/custom-stable-diffusion-raspberry

A little script to load and generate custom stable diffusion model on a raspberry pi 4 4Gb+

Primary LanguagePython

Script for loading Custom Stable Diffusion models for Raspberry Pi, with DPM++ 2M Karras like and prompt weight like the WebUI

This repository contains scripts to load and generate custom stable diffusion models, optimized for a Raspberry Pi 4 with 4GB or more memory (tested on a 4Gb, Swap memory needed). It's nothing fast, 20 min for a 256x256, but you can do some fancy stuff like this:

Epaper Screen

The scripts facilitate the use of .safetensors and .ckpt files (such as those from Civitai) with a command line or a Raspberry Pi, since the informations for loading such models always refers to the most used tools. Before these can be used, they must be converted to a stable diffusion model using the convert_original_stable_diffusion_to_diffusers.py script from the HuggingFace diffusers repository. The main script uses the DPMSolverMultistepScheduler which is very similar to the DPM++ 2M Karras from Automatic1111 webui. It also uses lpw_stable_diffusion.py which load the custom pipeline, this bad guy lets us use the long prompt weighting like in the Web UI. The main goal is to have a very similar generation like the one you have with the webUI without using the webUI, which is VERY complicate to do a raspi.

Getting Started

  1. Clone this repository to your local machine.

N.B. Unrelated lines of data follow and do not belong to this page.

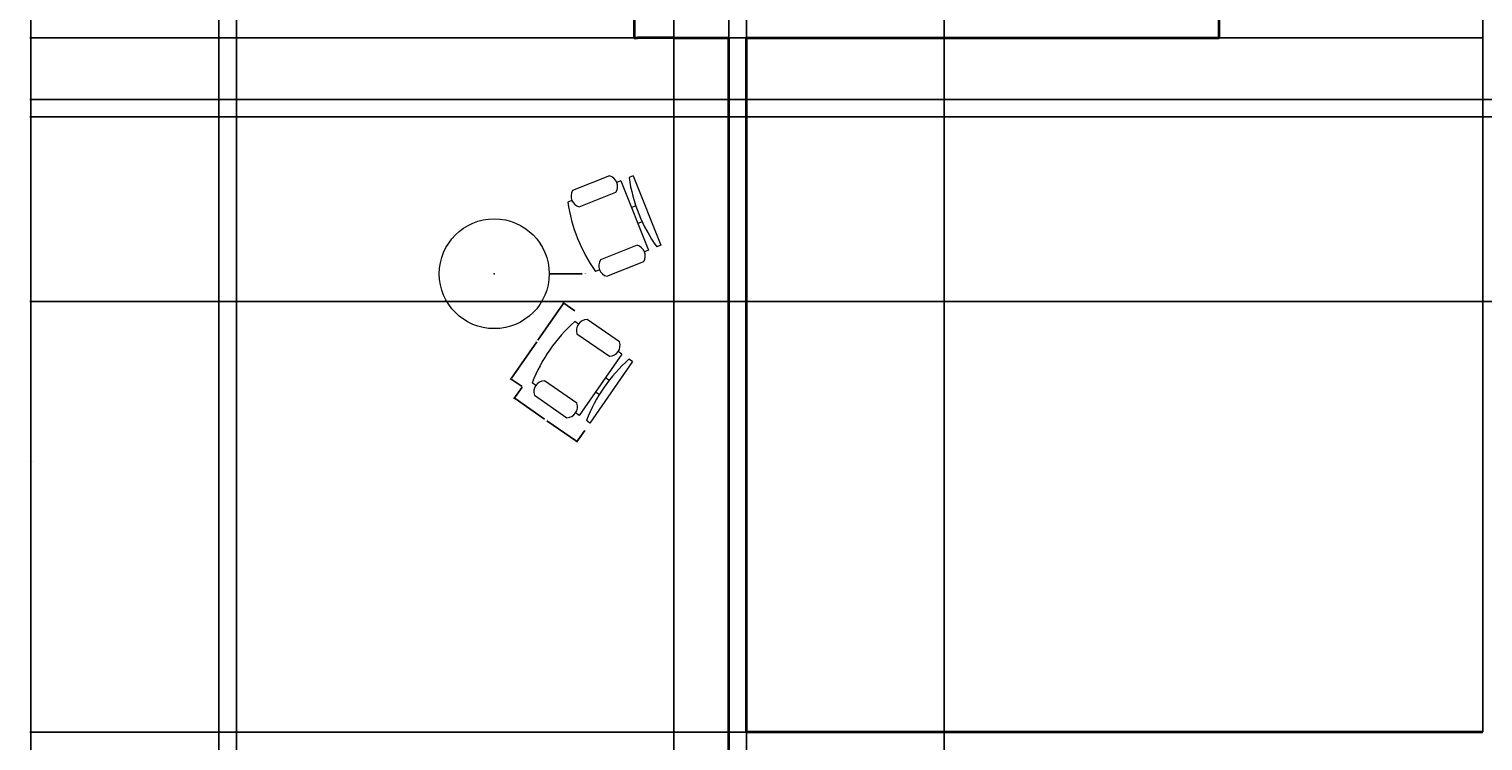
# Model space of a CAD drawing. Units: inches. Extents: x 2024 to 2965, y 1692 to 2308.
# Tile 2 of 8: x 2024 to 2355, y 1972 to 2134. Entities that reach past the tile are written whole.
import ezdxf

# ---------------------------------------------------------------- set-up
doc = ezdxf.new("R2010")
doc.units = ezdxf.units.IN
for name, color, linetype, lineweight in [('A-ANNO-DIMS', 2, 'Continuous', 18), ('A-FLOR-OTLN', 7, 'Continuous', 25), ('A-FURN', 8, 'Continuous', 18), ('A-WALL', 7, 'Continuous', 35)]:
    doc.layers.add(name, color=color, linetype=linetype, lineweight=lineweight)
doc.styles.get("Standard").update_dxf_attribs({"font": 'arial.ttf'})
doc.dimstyles.get("Standard").update_dxf_attribs({"dimtxt": 0.18, "dimasz": 0.18, "dimexe": 0.18, "dimexo": 0.0625, "dimgap": 0.09, "dimtad": 0, "dimtih": 1, "dimtoh": 1, "dimdec": 4, "dimzin": 0, "dimdsep": 46, "dimtxsty": 'Standard', "dimcen": 0.09, "dimadec": 0, "dimazin": 0, "dimtfac": 1, "dimtdec": 4, "dimtofl": 0, "dimtmove": 0, "dimatfit": 3, "dimfxl": 1, "dimtolj": 1, "dimtzin": 0, "dimarcsym": 0})

# ---------------------------------------------------------------- blocks, each defined once
blk = doc.blocks.new('Chair - Desk')
for p, q in [((-8.5, 0), (-8.5, -1)), ((-8.5, 0), (8.5, 0)), ((8.5, 0), (8.5, -1)), ((-8.5, -3), (-8.5, -4)), ((-8.5, -3), (8.5, -3)), ((-2, -3), (-2, -1.9355)), ((2, -1.9576), (2, -3)), ((8.5, -3), (8.5, -4)), ((-10.5, -5), (-10.5, -14)), ((-6.5, -14), (-6.5, -5)), ((6.5, -5), (6.5, -14)), ((10.5, -14), (10.5, -5)), ((-8.5, -15), (-8.5, -16)), ((8.5, -15), (8.5, -16))]:
    blk.add_line(p, q)
for centre, radius, start, end in [((0, 34.625), 36.625, 256.5803, 283.4197), ((-8.5, -6.5), 2.5, 36.8699, 143.1301), ((8.5, -6.5), 2.5, 36.8699, 143.1301), ((-8.5, -12.5), 2.5, 216.8699, 323.1301), ((0, 19.625), 36.625, 256.5803, 283.4197), ((8.5, -12.5), 2.5, 216.8699, 323.1301)]:
    blk.add_arc(centre, radius, start, end)
blk = doc.blocks.new('*D49')
at = {"layer": 'A-ANNO-DIMS', "color": 0, "lineweight": -2, "transparency": 16777216}
for p, q in [((2145.75, 2071.26), (2140, 2062.97)), ((2148.39, 2069.65), (2145.71, 2071.51)), ((2133.99, 2054.31), (2139.74, 2062.6)), ((2136.42, 2052.4), (2133.74, 2054.26))]:
    blk.add_line(p, q, dxfattribs=at)
at = {"layer": 'A-ANNO-DIMS', "color": 0, "transparency": 16777216}
for points in [[(2145.73, 2071.28), (2145.78, 2071.25), (2145.86, 2071.41)], [(2133.96, 2054.32), (2134.01, 2054.29), (2133.88, 2054.16)]]:
    blk.add_solid(points, dxfattribs=at)
at = {"layer": 'Defpoints', "color": 0, "transparency": 16777216}
for p in [(2148.45, 2069.62), (2133.88, 2054.16), (2136.47, 2052.36)]:
    blk.add_point(p, dxfattribs=at)
at = {"layer": 'A-ANNO-DIMS', "color": 0, "transparency": 16777216, "insert": (2139.87, 2062.79), "char_height": 0.18, "attachment_point": 5}
blk.add_mtext('\\A1;CHAIR 21 TYP.', dxfattribs=at)
blk = doc.blocks.new('*D50')
at = {"layer": 'A-ANNO-DIMS', "color": 0, "lineweight": -2, "transparency": 16777216}
for p, q in [((2136.44, 2052.31), (2134.57, 2049.63)), ((2134.82, 2049.67), (2141.54, 2045.01)), ((2148.77, 2040), (2142.06, 2044.65)), ((2150.68, 2042.43), (2148.81, 2039.74))]:
    blk.add_line(p, q, dxfattribs=at)
at = {"layer": 'A-ANNO-DIMS', "color": 0, "transparency": 16777216}
for points in [[(2134.84, 2049.7), (2134.81, 2049.65), (2134.68, 2049.78)], [(2148.79, 2040.02), (2148.75, 2039.97), (2148.92, 2039.89)]]:
    blk.add_solid(points, dxfattribs=at)
at = {"layer": 'Defpoints', "color": 0, "transparency": 16777216}
for p in [(2136.47, 2052.36), (2148.92, 2039.89), (2150.71, 2042.48)]:
    blk.add_point(p, dxfattribs=at)
at = {"layer": 'A-ANNO-DIMS', "color": 0, "transparency": 16777216, "insert": (2141.8, 2044.83), "char_height": 0.18, "attachment_point": 5}
blk.add_mtext('\\A1;17 TYP.', dxfattribs=at)
blk = doc.blocks.new('*D84')
at = {"layer": 'A-ANNO-DIMS', "color": 0, "lineweight": -2, "transparency": 16777216}
for p, q in [((2618.84, 2255.77), (2024.5, 2255.77)), ((2024.68, 2255.59), (2024.68, 2163.96)), ((2024.68, 2071.95), (2024.68, 2163.59)), ((2618.84, 2071.77), (2024.5, 2071.77))]:
    blk.add_line(p, q, dxfattribs=at)
at = {"layer": 'A-ANNO-DIMS', "color": 0, "transparency": 16777216}
for points in [[(2024.65, 2255.59), (2024.71, 2255.59), (2024.68, 2255.77)], [(2024.65, 2071.95), (2024.71, 2071.95), (2024.68, 2071.77)]]:
    blk.add_solid(points, dxfattribs=at)
at = {"layer": 'Defpoints', "color": 0, "transparency": 16777216}
for p in [(2024.68, 2255.77), (2618.91, 2255.77), (2618.91, 2071.77)]:
    blk.add_point(p, dxfattribs=at)
at = {"layer": 'A-ANNO-DIMS', "color": 0, "transparency": 16777216, "insert": (2024.68, 2163.77), "char_height": 0.18, "attachment_point": 5}
blk.add_mtext('\\A1;184', dxfattribs=at)
blk = doc.blocks.new('*D88')
at = {"layer": 'A-ANNO-DIMS', "color": 0, "lineweight": -2, "transparency": 16777216}
for p, q in [((2817.84, 2260.77), (2024.5, 2260.77)), ((2024.68, 2260.59), (2024.68, 2189.46)), ((2024.68, 2117.95), (2024.68, 2189.09)), ((2817.84, 2117.77), (2024.5, 2117.77))]:
    blk.add_line(p, q, dxfattribs=at)
at = {"layer": 'A-ANNO-DIMS', "color": 0, "transparency": 16777216}
for points in [[(2024.65, 2260.59), (2024.71, 2260.59), (2024.68, 2260.77)], [(2024.65, 2117.95), (2024.71, 2117.95), (2024.68, 2117.77)]]:
    blk.add_solid(points, dxfattribs=at)
at = {"layer": 'Defpoints', "color": 0, "transparency": 16777216}
for p in [(2817.91, 2260.77), (2024.68, 2117.77), (2817.91, 2117.77)]:
    blk.add_point(p, dxfattribs=at)
at = {"layer": 'A-ANNO-DIMS', "color": 0, "transparency": 16777216, "insert": (2024.68, 2189.27), "char_height": 0.18, "attachment_point": 5}
blk.add_mtext('\\A1;143', dxfattribs=at)
blk = doc.blocks.new('*D90')
at = {"layer": 'A-ANNO-DIMS', "color": 0, "lineweight": -2, "transparency": 16777216}
for p, q in [((2067.4, 2148.35), (2024.5, 2148.35)), ((2024.68, 2148.17), (2024.68, 2040.53)), ((2024.68, 1932.53), (2024.68, 2040.17)), ((2067.4, 1932.35), (2024.5, 1932.35))]:
    blk.add_line(p, q, dxfattribs=at)
at = {"layer": 'A-ANNO-DIMS', "color": 0, "transparency": 16777216}
for points in [[(2024.65, 2148.17), (2024.71, 2148.17), (2024.68, 2148.35)], [(2024.65, 1932.53), (2024.71, 1932.53), (2024.68, 1932.35)]]:
    blk.add_solid(points, dxfattribs=at)
at = {"layer": 'Defpoints', "color": 0, "transparency": 16777216}
for p in [(2024.68, 2148.35), (2067.46, 2148.35), (2067.46, 1932.35)]:
    blk.add_point(p, dxfattribs=at)
at = {"layer": 'A-ANNO-DIMS', "color": 0, "transparency": 16777216, "insert": (2024.68, 2040.35), "char_height": 0.18, "attachment_point": 5}
blk.add_mtext('\\A1;216', dxfattribs=at)
blk = doc.blocks.new('*D91')
at = {"layer": 'A-ANNO-DIMS', "color": 0, "lineweight": -2, "transparency": 16777216}
for p, q in [((2071.46, 1936.41), (2071.46, 2307.73)), ((2183.46, 1936.41), (2183.46, 2307.73)), ((2071.64, 2307.55), (2127.18, 2307.55)), ((2183.28, 2307.55), (2127.74, 2307.55))]:
    blk.add_line(p, q, dxfattribs=at)
at = {"layer": 'A-ANNO-DIMS', "color": 0, "transparency": 16777216}
for points in [[(2071.64, 2307.58), (2071.64, 2307.52), (2071.46, 2307.55)], [(2183.28, 2307.58), (2183.28, 2307.52), (2183.46, 2307.55)]]:
    blk.add_solid(points, dxfattribs=at)
at = {"layer": 'Defpoints', "color": 0, "transparency": 16777216}
for p in [(2183.46, 2307.55), (2071.46, 1936.35), (2183.46, 1936.35)]:
    blk.add_point(p, dxfattribs=at)
at = {"layer": 'A-ANNO-DIMS', "color": 0, "transparency": 16777216, "insert": (2127.46, 2307.55), "char_height": 0.18, "attachment_point": 5}
blk.add_mtext('\\A1;112', dxfattribs=at)
blk = doc.blocks.new('*D93')
at = {"layer": 'A-ANNO-DIMS', "color": 0, "lineweight": -2, "transparency": 16777216}
for p, q in [((2187.46, 1932.41), (2187.46, 2307.73)), ((2418.91, 1933.84), (2418.91, 2307.73)), ((2187.64, 2307.55), (2302.72, 2307.55)), ((2418.73, 2307.55), (2303.65, 2307.55))]:
    blk.add_line(p, q, dxfattribs=at)
at = {"layer": 'A-ANNO-DIMS', "color": 0, "transparency": 16777216}
for points in [[(2187.64, 2307.58), (2187.64, 2307.52), (2187.46, 2307.55)], [(2418.73, 2307.58), (2418.73, 2307.52), (2418.91, 2307.55)]]:
    blk.add_solid(points, dxfattribs=at)
at = {"layer": 'Defpoints', "color": 0, "transparency": 16777216}
for p in [(2418.91, 2307.55), (2187.46, 1932.35), (2418.91, 1933.77)]:
    blk.add_point(p, dxfattribs=at)
at = {"layer": 'A-ANNO-DIMS', "color": 0, "transparency": 16777216, "insert": (2303.18, 2307.55), "char_height": 0.18, "attachment_point": 5}
blk.add_mtext('\\A1;231.45', dxfattribs=at)
blk = doc.blocks.new('*D94')
at = {"layer": 'A-ANNO-DIMS', "color": 0, "lineweight": -2, "transparency": 16777216}
for p, q in [((2187.46, 1973.84), (2187.46, 2307.73)), ((2354.91, 1973.84), (2354.91, 2307.73)), ((2187.64, 2307.55), (2270.73, 2307.55)), ((2354.73, 2307.55), (2271.64, 2307.55))]:
    blk.add_line(p, q, dxfattribs=at)
at = {"layer": 'A-ANNO-DIMS', "color": 0, "transparency": 16777216}
for points in [[(2187.64, 2307.58), (2187.64, 2307.52), (2187.46, 2307.55)], [(2354.73, 2307.58), (2354.73, 2307.52), (2354.91, 2307.55)]]:
    blk.add_solid(points, dxfattribs=at)
at = {"layer": 'Defpoints', "color": 0, "transparency": 16777216}
for p in [(2354.91, 2307.55), (2187.46, 1973.77), (2354.91, 1973.77)]:
    blk.add_point(p, dxfattribs=at)
at = {"layer": 'A-ANNO-DIMS', "color": 0, "transparency": 16777216, "insert": (2271.18, 2307.55), "char_height": 0.18, "attachment_point": 5}
blk.add_mtext('\\A1;167.45', dxfattribs=at)
blk = doc.blocks.new('*D95')
at = {"layer": 'A-ANNO-DIMS', "color": 0, "lineweight": -2, "transparency": 16777216}
for p, q in [((2354.84, 2131.77), (2024.5, 2131.77)), ((2024.68, 2131.59), (2024.68, 2052.96)), ((2024.68, 1973.95), (2024.68, 2052.59)), ((2354.84, 1973.77), (2024.5, 1973.77))]:
    blk.add_line(p, q, dxfattribs=at)
at = {"layer": 'A-ANNO-DIMS', "color": 0, "transparency": 16777216}
for points in [[(2024.65, 2131.59), (2024.71, 2131.59), (2024.68, 2131.77)], [(2024.65, 1973.95), (2024.71, 1973.95), (2024.68, 1973.77)]]:
    blk.add_solid(points, dxfattribs=at)
at = {"layer": 'Defpoints', "color": 0, "transparency": 16777216}
for p in [(2024.68, 2131.77), (2354.91, 2131.77), (2354.91, 1973.77)]:
    blk.add_point(p, dxfattribs=at)
at = {"layer": 'A-ANNO-DIMS', "color": 0, "transparency": 16777216, "insert": (2024.68, 2052.77), "char_height": 0.18, "attachment_point": 5}
blk.add_mtext('\\A1;158', dxfattribs=at)
blk = doc.blocks.new('*D101')
at = {"layer": 'A-ANNO-DIMS', "color": 0, "lineweight": -2, "transparency": 16777216}
for p, q in [((2917.96, 2113.77), (2024.5, 2113.77)), ((2024.68, 2113.59), (2024.68, 2035.52)), ((2024.68, 1957.09), (2024.68, 2035.16)), ((2917.96, 1956.91), (2024.5, 1956.91))]:
    blk.add_line(p, q, dxfattribs=at)
at = {"layer": 'A-ANNO-DIMS', "color": 0, "transparency": 16777216}
for points in [[(2024.65, 2113.59), (2024.71, 2113.59), (2024.68, 2113.77)], [(2024.65, 1957.09), (2024.71, 1957.09), (2024.68, 1956.91)]]:
    blk.add_solid(points, dxfattribs=at)
at = {"layer": 'Defpoints', "color": 0, "transparency": 16777216}
for p in [(2024.68, 2113.77), (2918.02, 2113.77), (2918.02, 1956.91)]:
    blk.add_point(p, dxfattribs=at)
at = {"layer": 'A-ANNO-DIMS', "color": 0, "transparency": 16777216, "insert": (2024.68, 2035.34), "char_height": 0.18, "attachment_point": 5}
blk.add_mtext('\\A1;156.87', dxfattribs=at)
blk = doc.blocks.new('*D116')
at = {"layer": 'A-ANNO-DIMS', "color": 0, "lineweight": -2, "transparency": 16777216}
for p, q in [((2170.91, 1793.84), (2170.91, 2307.73)), ((2232.43, 1793.84), (2232.43, 2307.73)), ((2171.09, 2307.55), (2201.27, 2307.55)), ((2232.25, 2307.55), (2202.06, 2307.55))]:
    blk.add_line(p, q, dxfattribs=at)
at = {"layer": 'A-ANNO-DIMS', "color": 0, "transparency": 16777216}
for points in [[(2171.09, 2307.58), (2171.09, 2307.52), (2170.91, 2307.55)], [(2232.25, 2307.58), (2232.25, 2307.52), (2232.43, 2307.55)]]:
    blk.add_solid(points, dxfattribs=at)
at = {"layer": 'Defpoints', "color": 0, "transparency": 16777216}
for p in [(2232.43, 2307.55), (2170.91, 1793.77), (2232.43, 1793.77)]:
    blk.add_point(p, dxfattribs=at)
at = {"layer": 'A-ANNO-DIMS', "color": 0, "transparency": 16777216, "insert": (2201.67, 2307.55), "char_height": 0.18, "attachment_point": 5}
blk.add_mtext('\\A1;61.52', dxfattribs=at)
blk = doc.blocks.new('*D119')
at = {"layer": 'A-ANNO-DIMS', "color": 0, "lineweight": -2, "transparency": 16777216}
for p, q in [((2130, 2078.09), (2130.18, 2078.09)), ((2130.09, 2078), (2130.09, 2078.18)), ((2150.09, 2078.09), (2142.77, 2078.09))]:
    blk.add_line(p, q, dxfattribs=at)
at = {"layer": 'A-ANNO-DIMS', "color": 0, "transparency": 16777216}
blk.add_solid([(2142.77, 2078.12), (2142.77, 2078.06), (2142.59, 2078.09)], dxfattribs=at)
at = {"layer": 'Defpoints', "color": 0, "transparency": 16777216}
for p in [(2117.6, 2078.09), (2142.59, 2078.09)]:
    blk.add_point(p, dxfattribs=at)
at = {"layer": 'A-ANNO-DIMS', "color": 0, "transparency": 16777216, "insert": (2150.65, 2078.09), "char_height": 0.18, "attachment_point": 5}
blk.add_mtext('\\A1;∅24.993', dxfattribs=at)

msp = doc.modelspace()

# ---------------------------------------------------------------- linework, layer by layer
at = {"layer": 'A-FLOR-OTLN'}
for points in [[(2161.9061, 2148.352), (2067.4594, 2148.352), (2067.4594, 1932.352), (2161.9061, 1932.352)], [(2161.9061, 2144.352), (2071.4594, 2144.352), (2071.4594, 1936.352), (2170.9061, 1936.352)]]:
    msp.add_lwpolyline(points, dxfattribs=at)
at = {"layer": 'A-FURN'}
msp.add_circle((2130.0917, 2078.0928), 12.4965, dxfattribs=at)
at = {"layer": 'A-WALL'}
for p, q in [((2161.9061, 2144.352), (2161.9061, 2131.7595)), ((2294.9061, 2131.7736), (2294.9061, 2141.7736)), ((2161.9061, 2131.7595), (2162.6552, 2131.7736)), ((2170.9061, 2131.7736), (2162.6552, 2131.7736)), ((2170.9061, 2131.7736), (2183.4594, 2131.7736)), ((2187.4594, 2131.7736), (2294.9061, 2131.7736)), ((2354.9061, 1973.7736), (2187.4594, 1973.7736))]:
    msp.add_line(p, q, dxfattribs=at)
for points in [[(2183.4594, 1973.7736), (2183.4594, 2131.7736)], [(2183.4594, 1969.7736), (2183.4594, 2131.7736)], [(2187.4594, 1973.7736), (2187.4594, 2131.7736)]]:
    msp.add_lwpolyline(points, dxfattribs=at)

# ---------------------------------------------------------------- block references
at = {"layer": 'A-FURN'}
for p, rotation in [((2164.817, 2092.46), 291.8014094863518), ((2156.6992, 2051.107), 235.2405251970198)]:
    msp.add_blockref('Chair - Desk', p, dxfattribs=dict(at, rotation=rotation))

# ---------------------------------------------------------------- dimensions: what is measured, and where the dimension line sits
at = {"layer": 'A-ANNO-DIMS'}
for base, p1, p2, override, picture, middle in [((2183.4594, 2307.5486), (2071.4594, 1936.352), (2183.4594, 1936.352), {"dimdec": 0, "dimlfac": 1, "dimrnd": 0, "dimzin": 0, "dimdsep": 46, "dimlunit": 2}, '*D91', (2127.4594, 2307.5486)), ((2232.4289, 2307.5486), (2170.9061, 1793.7736), (2232.4289, 1793.7736), {"dimdec": 2, "dimlfac": 1, "dimrnd": 0, "dimzin": 0, "dimdsep": 46, "dimlunit": 2}, '*D116', (2201.6675, 2307.5486)), ((2418.9061, 2307.5486), (2187.4594, 1932.352), (2418.9061, 1933.7736), {"dimdec": 2, "dimlfac": 1, "dimrnd": 0, "dimzin": 0, "dimdsep": 46, "dimlunit": 2}, '*D93', (2303.1828, 2307.5486)), ((2354.9061, 2307.5486), (2187.4594, 1973.7736), (2354.9061, 1973.7736), {"dimdec": 2, "dimlfac": 1, "dimrnd": 0, "dimzin": 0, "dimdsep": 46, "dimlunit": 2}, '*D94', (2271.1828, 2307.5486))]:
    dim = msp.add_linear_dim(base=base, p1=p1, p2=p2, dimstyle='Standard', override=override, dxfattribs=at)
    dim.commit()
    dim.dimension.update_dxf_attribs({"geometry": picture, "text_midpoint": middle})
for base, p1, p2, override, picture, middle in [((2024.6844, 2117.7736), (2817.9061, 2260.7736), (2817.9061, 2117.7736), {"dimdec": 0, "dimlfac": 1, "dimrnd": 0, "dimzin": 0, "dimdsep": 46, "dimlunit": 2}, '*D88', (2024.6844, 2189.2736)), ((2024.6844, 2255.7736), (2618.9061, 2071.7736), (2618.9061, 2255.7736), {"dimdec": 0, "dimlfac": 1, "dimrnd": 0, "dimzin": 0, "dimdsep": 46, "dimlunit": 2}, '*D84', (2024.6844, 2163.7736)), ((2024.6844, 2148.352), (2067.4594, 1932.352), (2067.4594, 2148.352), {"dimdec": 0, "dimlfac": 1, "dimrnd": 0, "dimzin": 0, "dimdsep": 46, "dimlunit": 2}, '*D90', (2024.6844, 2040.352)), ((2024.6844, 2131.7736), (2354.9061, 1973.7736), (2354.9061, 2131.7736), {"dimdec": 0, "dimlfac": 1, "dimrnd": 0, "dimzin": 0, "dimdsep": 46, "dimlunit": 2}, '*D95', (2024.6844, 2052.7736)), ((2024.6844, 2113.7736), (2918.0192, 1956.9082), (2918.0192, 2113.7736), {"dimdec": 2, "dimlfac": 1, "dimrnd": 0, "dimzin": 0, "dimdsep": 46, "dimlunit": 2}, '*D101', (2024.6844, 2035.3409))]:
    dim = msp.add_linear_dim(base=base, p1=p1, p2=p2, angle=90, dimstyle='Standard', override=override, dxfattribs=at)
    dim.commit()
    dim.dimension.update_dxf_attribs({"geometry": picture, "text_midpoint": middle})
dim = msp.add_diameter_dim_2p(p1=(2117.5952, 2078.0926), p2=(2142.5882, 2078.093), dimstyle='Standard', override={"dimdec": 3, "dimlfac": 1, "dimrnd": 0, "dimzin": 0, "dimdsep": 46, "dimlunit": 2}, dxfattribs=at)
dim.commit()
dim.dimension.update_dxf_attribs({"geometry": '*D119', "text_midpoint": (2150.0861, 2078.0931), "dimtype": 163})
for base, p1, p2, angle, text, picture, middle in [((2133.8846, 2054.1589), (2148.4453, 2069.6156), (2136.4725, 2052.363), 235.240525, 'CHAIR <> TYP.', '*D49', (2139.871, 2062.7852)), ((2148.9168, 2039.8928), (2136.4725, 2052.363), (2150.7128, 2042.4807), 325.240525, '<> TYP.', '*D50', (2141.7967, 2044.8339))]:
    dim = msp.add_linear_dim(base=base, p1=p1, p2=p2, angle=angle, text=text, dimstyle='Standard', override={"dimdec": 0, "dimlfac": 1, "dimrnd": 0, "dimzin": 0, "dimdsep": 46, "dimlunit": 2}, dxfattribs=at)
    dim.commit()
    dim.dimension.update_dxf_attribs({"geometry": picture, "text_midpoint": middle})

doc.saveas('drawing.dxf')

  2. Create a virtual env and then install the required Python(use 10, 11 wasn't working) libraries using the provided requirements.txt file. This can be done by running the following command in your terminal:

    pip install virtualenv
    python3.10 -m venv env
    pip install -r requirements.txt
    
  3. Clone the diffusers repository from HuggingFace. You can do this with the following command:

    git clone https://github.com/huggingface/diffusers
    
  4. Convert your model to a stable diffusion model using the following command:

    python diffusers/scripts/convert_original_stable_diffusion_to_diffusers.py --checkpoint_path ur_model_location.safetensors --extract_ema --dump_path Where_to_save_it --from_safetensors
    

    Replace ur_model_location.safetensors with the path to your model and Where_to_save_it with the location where you want to save the converted model. Example:

    python diffusers/scripts/convert_original_stable_diffusion_to_diffusers.py --checkpoint_path SD1_5.safetensors --extract_ema --dump_path SD1_5 --from_safetensors
    

    at this point a folder called SD1_5 will be created

  5. In the custom_stable_diff.py script in this repository, update the model_path variable to point to your local model folder. The line to change is as follows:

    model_path = os.path.join(os.path.dirname(__file__),"my_local_model_folder")
    

    Replace "my_local_model_folder" with the name of your model's folder. Example: if we have the SD1_5 folder:

    model_path = os.path.join(os.path.dirname(__file__),"SD1_5")
    

Scripts

  • custom_stable_diff.py: This is the main script that loads and generates txt2img or img2img. Accepts optional arguments

  • lpw_stable_diffusion.py: [Load the custom pipeline, this bad guy lets us use the long prompt weighting like in the Web UI.]

Please note that more detailed usage instructions and options for each script are included in comments within the scripts themselves.

Contributing

Contributions are welcome! Please feel free to submit a pull request.